As mentioned, a NN is organized in layers of interconnected units (in the following picture layers are depicted with different colors).
- Its input layer consists of a number of units that depends on the number of input features. Features are engineered to describe the class instances, be them images, texts, transactions etc, depending on the application. For example, in an image recognition task, the features may be the array of pixels and their colors.
- Its output layer consisting often of a number of units equal to the number of classes in the problem. When given a new, unseen example, each unit of the output layer assigns a probability that this example belongs to each particular class, based on its training.
- Between the input and output layers, there may be several hidden layers (for reasons briefly described next), but for many problems one or two hidden layers are enough.
Training is often done with the Back Propagation algorithm. During BackProp, the NN is fed with examples of all classes. As mentioned, the training examples are said to be “tagged”, meaning that the NN is given both the example (as described by its features) and the class it really belongs to. Given many such training examples, the NN constructs, during training, what we know by now as the model, i.e. a probabilistic mapping of certain features (input) to classes (output). The model is reflected on the weighs of the units connectors (see previous figure); BackProp’s job is to compute these weighs.
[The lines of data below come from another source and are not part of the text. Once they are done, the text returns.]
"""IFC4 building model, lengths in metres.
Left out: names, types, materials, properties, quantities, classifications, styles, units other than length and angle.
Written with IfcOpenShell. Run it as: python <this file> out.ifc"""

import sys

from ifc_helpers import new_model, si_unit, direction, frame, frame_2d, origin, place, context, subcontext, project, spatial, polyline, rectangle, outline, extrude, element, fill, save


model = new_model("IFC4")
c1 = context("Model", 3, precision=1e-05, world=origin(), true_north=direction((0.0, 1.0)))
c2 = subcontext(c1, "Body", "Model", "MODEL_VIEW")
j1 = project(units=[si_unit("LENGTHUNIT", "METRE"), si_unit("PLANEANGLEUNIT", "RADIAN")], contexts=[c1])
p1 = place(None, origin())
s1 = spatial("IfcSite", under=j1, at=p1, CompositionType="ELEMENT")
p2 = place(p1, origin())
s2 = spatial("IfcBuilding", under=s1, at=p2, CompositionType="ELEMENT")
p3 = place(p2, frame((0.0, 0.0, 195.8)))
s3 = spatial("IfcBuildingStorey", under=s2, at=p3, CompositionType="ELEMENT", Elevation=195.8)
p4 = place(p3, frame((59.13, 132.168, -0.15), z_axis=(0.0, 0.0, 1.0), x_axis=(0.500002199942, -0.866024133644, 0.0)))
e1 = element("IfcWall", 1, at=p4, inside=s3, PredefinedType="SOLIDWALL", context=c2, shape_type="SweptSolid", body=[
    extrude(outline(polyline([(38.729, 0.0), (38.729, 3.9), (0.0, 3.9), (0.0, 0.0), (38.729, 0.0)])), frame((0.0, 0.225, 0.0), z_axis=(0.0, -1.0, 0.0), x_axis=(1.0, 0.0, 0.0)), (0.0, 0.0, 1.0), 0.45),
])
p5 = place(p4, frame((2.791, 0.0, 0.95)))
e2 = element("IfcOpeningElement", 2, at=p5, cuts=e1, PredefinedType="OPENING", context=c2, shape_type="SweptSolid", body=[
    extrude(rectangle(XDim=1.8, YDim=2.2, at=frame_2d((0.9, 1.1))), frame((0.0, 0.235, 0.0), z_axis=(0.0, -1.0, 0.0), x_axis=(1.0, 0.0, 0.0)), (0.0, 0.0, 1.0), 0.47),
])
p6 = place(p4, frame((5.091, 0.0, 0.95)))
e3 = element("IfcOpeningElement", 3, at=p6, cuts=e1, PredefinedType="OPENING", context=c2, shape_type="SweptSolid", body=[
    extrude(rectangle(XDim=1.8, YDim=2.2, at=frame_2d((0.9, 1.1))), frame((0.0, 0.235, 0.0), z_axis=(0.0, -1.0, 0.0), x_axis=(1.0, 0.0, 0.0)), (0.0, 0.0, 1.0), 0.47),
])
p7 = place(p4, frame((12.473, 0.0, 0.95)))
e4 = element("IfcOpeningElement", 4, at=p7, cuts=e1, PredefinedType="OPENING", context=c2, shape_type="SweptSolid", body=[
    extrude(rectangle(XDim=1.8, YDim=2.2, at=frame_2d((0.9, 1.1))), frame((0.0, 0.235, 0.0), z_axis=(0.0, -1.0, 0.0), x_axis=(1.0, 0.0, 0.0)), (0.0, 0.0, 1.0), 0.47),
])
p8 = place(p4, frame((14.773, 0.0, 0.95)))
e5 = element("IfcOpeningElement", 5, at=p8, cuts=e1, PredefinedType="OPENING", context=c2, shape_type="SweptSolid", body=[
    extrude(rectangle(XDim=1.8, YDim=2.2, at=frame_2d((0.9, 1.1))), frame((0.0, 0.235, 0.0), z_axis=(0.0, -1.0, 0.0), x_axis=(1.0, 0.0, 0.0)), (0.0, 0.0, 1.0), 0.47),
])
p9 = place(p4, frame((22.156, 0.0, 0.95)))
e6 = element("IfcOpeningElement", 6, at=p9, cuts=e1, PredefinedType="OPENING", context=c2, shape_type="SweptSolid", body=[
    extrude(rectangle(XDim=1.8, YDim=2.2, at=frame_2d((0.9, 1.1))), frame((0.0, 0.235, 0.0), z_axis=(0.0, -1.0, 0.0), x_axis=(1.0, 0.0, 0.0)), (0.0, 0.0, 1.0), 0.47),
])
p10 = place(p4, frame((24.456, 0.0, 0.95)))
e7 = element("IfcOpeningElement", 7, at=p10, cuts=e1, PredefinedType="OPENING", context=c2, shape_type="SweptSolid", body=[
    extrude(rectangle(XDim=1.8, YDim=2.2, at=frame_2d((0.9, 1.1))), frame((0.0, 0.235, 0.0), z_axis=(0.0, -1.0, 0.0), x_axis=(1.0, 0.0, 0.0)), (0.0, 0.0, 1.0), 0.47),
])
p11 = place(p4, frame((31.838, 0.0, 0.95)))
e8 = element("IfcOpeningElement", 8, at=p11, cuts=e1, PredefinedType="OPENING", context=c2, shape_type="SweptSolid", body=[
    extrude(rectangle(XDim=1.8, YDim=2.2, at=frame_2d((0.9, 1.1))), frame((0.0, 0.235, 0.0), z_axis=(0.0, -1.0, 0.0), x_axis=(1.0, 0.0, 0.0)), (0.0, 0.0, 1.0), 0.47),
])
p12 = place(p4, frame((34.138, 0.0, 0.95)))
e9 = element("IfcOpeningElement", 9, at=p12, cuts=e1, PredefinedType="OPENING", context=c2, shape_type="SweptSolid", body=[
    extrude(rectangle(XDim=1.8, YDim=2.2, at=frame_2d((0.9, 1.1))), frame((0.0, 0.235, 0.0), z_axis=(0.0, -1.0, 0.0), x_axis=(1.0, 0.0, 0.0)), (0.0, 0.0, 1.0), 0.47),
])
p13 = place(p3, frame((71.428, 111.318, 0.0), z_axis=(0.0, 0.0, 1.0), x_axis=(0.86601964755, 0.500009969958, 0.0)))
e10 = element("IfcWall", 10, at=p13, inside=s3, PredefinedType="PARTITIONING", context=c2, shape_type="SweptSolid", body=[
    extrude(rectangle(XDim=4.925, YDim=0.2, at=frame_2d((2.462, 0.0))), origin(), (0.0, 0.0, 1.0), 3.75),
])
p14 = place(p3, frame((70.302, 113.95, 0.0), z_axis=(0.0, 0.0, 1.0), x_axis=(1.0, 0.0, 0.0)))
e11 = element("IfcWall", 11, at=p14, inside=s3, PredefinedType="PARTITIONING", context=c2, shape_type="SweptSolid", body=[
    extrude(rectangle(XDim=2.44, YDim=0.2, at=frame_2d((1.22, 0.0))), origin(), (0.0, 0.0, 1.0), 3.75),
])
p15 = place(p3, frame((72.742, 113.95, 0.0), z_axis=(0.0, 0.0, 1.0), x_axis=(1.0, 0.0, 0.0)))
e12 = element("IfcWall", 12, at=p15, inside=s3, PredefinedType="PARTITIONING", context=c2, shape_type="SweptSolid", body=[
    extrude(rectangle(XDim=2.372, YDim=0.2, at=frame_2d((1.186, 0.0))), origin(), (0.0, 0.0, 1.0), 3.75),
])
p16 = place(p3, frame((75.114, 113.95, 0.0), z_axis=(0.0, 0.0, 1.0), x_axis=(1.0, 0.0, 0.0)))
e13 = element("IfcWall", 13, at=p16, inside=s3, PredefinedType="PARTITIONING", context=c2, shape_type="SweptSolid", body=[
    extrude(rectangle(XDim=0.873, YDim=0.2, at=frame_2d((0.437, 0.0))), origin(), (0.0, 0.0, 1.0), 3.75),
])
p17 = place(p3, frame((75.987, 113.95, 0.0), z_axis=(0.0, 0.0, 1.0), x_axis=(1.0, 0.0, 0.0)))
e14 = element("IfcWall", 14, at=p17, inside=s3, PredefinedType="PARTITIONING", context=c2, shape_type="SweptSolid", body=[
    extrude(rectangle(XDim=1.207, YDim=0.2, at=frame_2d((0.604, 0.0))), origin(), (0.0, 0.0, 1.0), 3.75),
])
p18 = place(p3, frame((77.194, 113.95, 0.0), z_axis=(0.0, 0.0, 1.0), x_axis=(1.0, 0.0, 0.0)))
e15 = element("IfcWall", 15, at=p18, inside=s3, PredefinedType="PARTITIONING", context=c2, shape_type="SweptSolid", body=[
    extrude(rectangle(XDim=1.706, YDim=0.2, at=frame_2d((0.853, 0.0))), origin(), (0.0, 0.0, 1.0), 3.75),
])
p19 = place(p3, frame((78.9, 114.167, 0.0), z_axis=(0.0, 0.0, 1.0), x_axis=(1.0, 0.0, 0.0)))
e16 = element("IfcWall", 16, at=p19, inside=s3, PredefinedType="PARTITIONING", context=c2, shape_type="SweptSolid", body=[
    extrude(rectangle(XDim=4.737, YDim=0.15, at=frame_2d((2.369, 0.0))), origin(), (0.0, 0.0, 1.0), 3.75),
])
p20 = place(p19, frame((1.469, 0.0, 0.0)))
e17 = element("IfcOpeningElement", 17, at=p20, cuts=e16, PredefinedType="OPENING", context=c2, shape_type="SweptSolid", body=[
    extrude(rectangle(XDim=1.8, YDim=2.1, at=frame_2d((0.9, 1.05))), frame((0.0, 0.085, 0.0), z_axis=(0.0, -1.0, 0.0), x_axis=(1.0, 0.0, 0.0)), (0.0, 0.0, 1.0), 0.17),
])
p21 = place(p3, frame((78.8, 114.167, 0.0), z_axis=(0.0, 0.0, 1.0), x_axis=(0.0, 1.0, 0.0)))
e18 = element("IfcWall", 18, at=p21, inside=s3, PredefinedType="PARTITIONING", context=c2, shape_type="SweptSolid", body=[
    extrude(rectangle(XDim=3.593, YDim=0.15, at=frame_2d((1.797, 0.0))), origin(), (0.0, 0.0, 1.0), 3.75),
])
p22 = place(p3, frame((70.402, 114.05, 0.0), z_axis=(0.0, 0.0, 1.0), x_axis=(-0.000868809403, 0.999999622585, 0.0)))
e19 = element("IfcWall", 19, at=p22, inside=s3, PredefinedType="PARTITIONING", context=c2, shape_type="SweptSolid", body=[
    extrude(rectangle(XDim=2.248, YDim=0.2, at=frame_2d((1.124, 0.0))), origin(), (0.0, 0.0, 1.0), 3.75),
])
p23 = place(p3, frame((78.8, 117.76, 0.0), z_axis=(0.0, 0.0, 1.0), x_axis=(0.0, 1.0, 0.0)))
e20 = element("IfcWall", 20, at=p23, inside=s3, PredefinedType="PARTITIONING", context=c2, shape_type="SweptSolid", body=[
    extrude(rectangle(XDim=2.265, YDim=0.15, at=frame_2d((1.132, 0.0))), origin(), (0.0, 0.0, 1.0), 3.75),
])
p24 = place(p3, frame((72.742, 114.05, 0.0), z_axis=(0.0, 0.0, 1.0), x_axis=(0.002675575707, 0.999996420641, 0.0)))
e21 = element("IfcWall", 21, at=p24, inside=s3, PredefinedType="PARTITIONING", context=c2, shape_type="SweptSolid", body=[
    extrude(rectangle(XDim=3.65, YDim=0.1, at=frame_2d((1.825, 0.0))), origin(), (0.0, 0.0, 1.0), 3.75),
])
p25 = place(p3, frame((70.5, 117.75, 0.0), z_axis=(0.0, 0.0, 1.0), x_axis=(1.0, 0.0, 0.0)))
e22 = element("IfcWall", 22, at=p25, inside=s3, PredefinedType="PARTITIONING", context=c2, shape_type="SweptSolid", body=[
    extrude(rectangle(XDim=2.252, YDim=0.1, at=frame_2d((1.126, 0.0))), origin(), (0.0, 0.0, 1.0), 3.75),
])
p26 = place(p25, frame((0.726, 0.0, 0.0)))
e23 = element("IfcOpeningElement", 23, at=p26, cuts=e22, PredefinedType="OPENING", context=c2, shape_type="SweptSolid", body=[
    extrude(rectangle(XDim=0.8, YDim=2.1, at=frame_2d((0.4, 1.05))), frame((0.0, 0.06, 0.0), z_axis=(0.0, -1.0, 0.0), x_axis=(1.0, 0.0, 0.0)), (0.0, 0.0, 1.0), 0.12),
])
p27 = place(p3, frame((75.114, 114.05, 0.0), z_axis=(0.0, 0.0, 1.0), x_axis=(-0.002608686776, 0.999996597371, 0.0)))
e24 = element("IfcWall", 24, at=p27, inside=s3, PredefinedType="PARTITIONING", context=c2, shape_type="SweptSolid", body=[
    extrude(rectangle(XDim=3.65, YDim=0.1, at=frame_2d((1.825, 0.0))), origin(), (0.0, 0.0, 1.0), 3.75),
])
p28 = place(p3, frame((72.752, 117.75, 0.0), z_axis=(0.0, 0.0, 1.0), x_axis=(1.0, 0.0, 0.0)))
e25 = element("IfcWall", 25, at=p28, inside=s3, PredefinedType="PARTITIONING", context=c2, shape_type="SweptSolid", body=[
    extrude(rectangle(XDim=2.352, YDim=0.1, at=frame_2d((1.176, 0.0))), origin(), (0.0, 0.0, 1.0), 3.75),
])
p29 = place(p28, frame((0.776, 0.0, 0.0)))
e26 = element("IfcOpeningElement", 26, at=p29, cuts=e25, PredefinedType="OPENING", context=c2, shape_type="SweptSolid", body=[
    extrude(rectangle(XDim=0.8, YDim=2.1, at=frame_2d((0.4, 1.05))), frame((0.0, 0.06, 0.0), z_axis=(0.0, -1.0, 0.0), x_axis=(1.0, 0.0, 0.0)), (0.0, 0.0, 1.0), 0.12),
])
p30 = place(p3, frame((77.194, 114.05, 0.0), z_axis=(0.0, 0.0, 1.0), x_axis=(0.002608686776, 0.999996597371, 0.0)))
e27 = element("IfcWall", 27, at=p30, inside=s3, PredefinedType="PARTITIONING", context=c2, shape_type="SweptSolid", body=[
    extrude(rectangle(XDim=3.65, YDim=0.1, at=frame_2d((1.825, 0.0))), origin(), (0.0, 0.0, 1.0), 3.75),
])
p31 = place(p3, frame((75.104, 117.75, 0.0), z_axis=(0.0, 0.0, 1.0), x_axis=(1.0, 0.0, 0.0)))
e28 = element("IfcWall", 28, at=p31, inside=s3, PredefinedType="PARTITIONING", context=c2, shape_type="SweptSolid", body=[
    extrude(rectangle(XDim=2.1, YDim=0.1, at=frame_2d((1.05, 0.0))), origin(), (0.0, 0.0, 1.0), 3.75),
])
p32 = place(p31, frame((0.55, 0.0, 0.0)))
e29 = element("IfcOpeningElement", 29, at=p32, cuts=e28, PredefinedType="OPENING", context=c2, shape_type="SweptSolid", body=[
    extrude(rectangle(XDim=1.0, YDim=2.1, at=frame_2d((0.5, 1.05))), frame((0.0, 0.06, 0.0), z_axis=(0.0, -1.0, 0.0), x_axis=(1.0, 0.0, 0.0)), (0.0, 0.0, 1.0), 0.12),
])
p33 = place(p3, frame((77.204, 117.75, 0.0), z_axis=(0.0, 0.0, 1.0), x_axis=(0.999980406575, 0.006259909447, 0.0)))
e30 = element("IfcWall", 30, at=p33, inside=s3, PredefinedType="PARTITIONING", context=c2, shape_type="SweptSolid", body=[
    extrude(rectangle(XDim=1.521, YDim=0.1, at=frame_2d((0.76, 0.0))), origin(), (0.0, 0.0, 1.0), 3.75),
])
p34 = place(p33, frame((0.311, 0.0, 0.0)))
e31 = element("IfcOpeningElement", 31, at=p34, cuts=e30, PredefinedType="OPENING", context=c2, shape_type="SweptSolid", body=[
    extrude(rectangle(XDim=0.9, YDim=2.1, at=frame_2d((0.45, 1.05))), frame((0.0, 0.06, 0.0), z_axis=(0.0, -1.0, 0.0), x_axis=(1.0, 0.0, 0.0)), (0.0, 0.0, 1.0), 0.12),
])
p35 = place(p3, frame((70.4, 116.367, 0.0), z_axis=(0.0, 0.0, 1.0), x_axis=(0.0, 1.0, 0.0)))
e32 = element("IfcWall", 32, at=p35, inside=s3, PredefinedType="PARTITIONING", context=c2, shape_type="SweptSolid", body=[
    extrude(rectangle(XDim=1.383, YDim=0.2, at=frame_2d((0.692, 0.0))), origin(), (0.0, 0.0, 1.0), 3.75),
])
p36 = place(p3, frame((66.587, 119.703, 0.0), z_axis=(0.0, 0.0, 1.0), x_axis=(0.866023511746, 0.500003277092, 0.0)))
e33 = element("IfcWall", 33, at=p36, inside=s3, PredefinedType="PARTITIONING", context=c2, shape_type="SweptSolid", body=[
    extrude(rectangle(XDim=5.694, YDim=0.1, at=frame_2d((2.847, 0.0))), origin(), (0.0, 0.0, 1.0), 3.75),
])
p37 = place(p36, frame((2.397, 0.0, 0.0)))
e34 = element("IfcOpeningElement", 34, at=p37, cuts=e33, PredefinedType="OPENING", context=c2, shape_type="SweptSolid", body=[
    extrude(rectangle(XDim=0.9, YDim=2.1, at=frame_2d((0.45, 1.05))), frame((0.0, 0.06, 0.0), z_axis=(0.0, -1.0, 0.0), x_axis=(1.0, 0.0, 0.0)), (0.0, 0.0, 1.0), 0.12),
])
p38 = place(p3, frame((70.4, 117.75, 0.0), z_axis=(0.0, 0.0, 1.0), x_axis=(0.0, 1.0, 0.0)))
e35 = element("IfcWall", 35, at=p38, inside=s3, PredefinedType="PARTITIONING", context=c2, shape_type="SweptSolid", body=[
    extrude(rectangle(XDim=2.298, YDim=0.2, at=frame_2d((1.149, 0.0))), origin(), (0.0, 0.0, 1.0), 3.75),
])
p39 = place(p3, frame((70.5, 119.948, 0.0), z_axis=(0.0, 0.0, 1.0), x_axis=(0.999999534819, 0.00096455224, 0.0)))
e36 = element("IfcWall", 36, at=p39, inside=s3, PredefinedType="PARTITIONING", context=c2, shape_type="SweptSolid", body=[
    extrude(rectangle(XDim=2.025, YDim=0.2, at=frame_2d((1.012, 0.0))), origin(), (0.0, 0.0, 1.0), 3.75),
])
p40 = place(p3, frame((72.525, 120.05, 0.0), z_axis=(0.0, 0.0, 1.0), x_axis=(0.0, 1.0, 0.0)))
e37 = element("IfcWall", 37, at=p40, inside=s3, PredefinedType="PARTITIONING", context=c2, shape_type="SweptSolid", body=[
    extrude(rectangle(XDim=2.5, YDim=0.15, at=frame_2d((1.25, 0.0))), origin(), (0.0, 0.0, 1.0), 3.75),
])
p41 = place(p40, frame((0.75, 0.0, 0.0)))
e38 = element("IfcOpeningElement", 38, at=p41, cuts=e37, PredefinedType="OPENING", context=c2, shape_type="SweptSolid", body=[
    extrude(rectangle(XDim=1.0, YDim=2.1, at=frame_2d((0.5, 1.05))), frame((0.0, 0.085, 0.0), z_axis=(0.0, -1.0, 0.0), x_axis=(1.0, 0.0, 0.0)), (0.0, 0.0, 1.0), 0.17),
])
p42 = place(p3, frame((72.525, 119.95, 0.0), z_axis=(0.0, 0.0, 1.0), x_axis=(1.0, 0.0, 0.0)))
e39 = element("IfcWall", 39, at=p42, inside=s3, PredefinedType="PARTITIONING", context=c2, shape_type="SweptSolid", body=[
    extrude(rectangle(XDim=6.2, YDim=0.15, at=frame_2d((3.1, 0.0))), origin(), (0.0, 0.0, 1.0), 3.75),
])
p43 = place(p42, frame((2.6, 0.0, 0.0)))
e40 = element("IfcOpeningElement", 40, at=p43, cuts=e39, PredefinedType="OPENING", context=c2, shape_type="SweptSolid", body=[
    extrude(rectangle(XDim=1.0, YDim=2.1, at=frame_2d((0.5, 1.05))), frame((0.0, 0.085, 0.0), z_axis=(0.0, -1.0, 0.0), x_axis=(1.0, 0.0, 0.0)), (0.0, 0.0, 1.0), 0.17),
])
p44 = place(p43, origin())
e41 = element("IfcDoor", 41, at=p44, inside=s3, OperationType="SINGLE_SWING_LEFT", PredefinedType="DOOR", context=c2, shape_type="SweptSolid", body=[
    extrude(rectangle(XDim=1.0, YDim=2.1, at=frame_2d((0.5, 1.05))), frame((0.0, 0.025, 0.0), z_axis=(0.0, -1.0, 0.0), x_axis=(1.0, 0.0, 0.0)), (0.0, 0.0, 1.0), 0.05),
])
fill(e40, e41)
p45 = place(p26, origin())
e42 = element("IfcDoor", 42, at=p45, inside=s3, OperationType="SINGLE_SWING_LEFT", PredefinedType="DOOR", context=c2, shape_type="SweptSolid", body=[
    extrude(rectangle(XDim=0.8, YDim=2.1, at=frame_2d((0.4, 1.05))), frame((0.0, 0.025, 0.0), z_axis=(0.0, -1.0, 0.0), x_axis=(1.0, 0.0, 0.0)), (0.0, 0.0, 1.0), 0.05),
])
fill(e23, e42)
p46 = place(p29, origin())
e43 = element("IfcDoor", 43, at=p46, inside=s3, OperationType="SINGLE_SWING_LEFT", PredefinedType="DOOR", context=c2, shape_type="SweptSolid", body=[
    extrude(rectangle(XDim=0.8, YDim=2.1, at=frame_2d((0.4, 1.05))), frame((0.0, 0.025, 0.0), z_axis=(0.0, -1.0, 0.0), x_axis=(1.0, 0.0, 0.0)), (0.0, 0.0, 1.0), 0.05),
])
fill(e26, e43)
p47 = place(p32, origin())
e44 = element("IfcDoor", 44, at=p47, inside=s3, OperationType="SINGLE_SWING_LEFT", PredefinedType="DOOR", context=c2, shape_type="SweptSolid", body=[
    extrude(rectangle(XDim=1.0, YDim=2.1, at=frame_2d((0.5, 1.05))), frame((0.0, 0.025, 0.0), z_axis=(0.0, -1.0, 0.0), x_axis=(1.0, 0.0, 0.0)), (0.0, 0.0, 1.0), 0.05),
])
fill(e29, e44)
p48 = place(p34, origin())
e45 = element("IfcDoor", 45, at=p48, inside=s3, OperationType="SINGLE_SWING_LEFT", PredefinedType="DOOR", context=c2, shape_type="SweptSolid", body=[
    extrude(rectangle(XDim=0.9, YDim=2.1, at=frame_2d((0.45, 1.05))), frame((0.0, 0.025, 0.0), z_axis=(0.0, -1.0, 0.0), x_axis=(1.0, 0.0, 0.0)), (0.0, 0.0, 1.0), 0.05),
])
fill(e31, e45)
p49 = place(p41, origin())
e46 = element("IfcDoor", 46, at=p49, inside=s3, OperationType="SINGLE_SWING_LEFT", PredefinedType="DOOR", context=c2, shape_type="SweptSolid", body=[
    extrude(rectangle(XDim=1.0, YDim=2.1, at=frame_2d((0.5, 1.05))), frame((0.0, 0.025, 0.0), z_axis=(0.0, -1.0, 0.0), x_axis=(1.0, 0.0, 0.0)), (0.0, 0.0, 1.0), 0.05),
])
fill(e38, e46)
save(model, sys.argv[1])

Based on the constructed model, the NN will classify new untagged examples (i.e. instances that it has not seen during training), aka it will predict the probability of a new example belonging to each class. Therefore there are fundamentally two distinct phases:
- During training, the NN is fed with several tagged examples from which it constructs its model.
- During testing, the NN classifies new, unknown instances into the known classes, based on the constructed model.
NNs with multiple layers of perceptrons are powerful classifiers (deep neural networks) in that we can use them to model very complex, non-linear classification patterns of instances that may be described by potentially several thousands of features. Depending on the application, such patterns may or may not be detectable by humans (e.g. the human brain is very good in image recognition but is not effective in tasks such as making predictions by generalizing historical data in complex, dynamic contexts).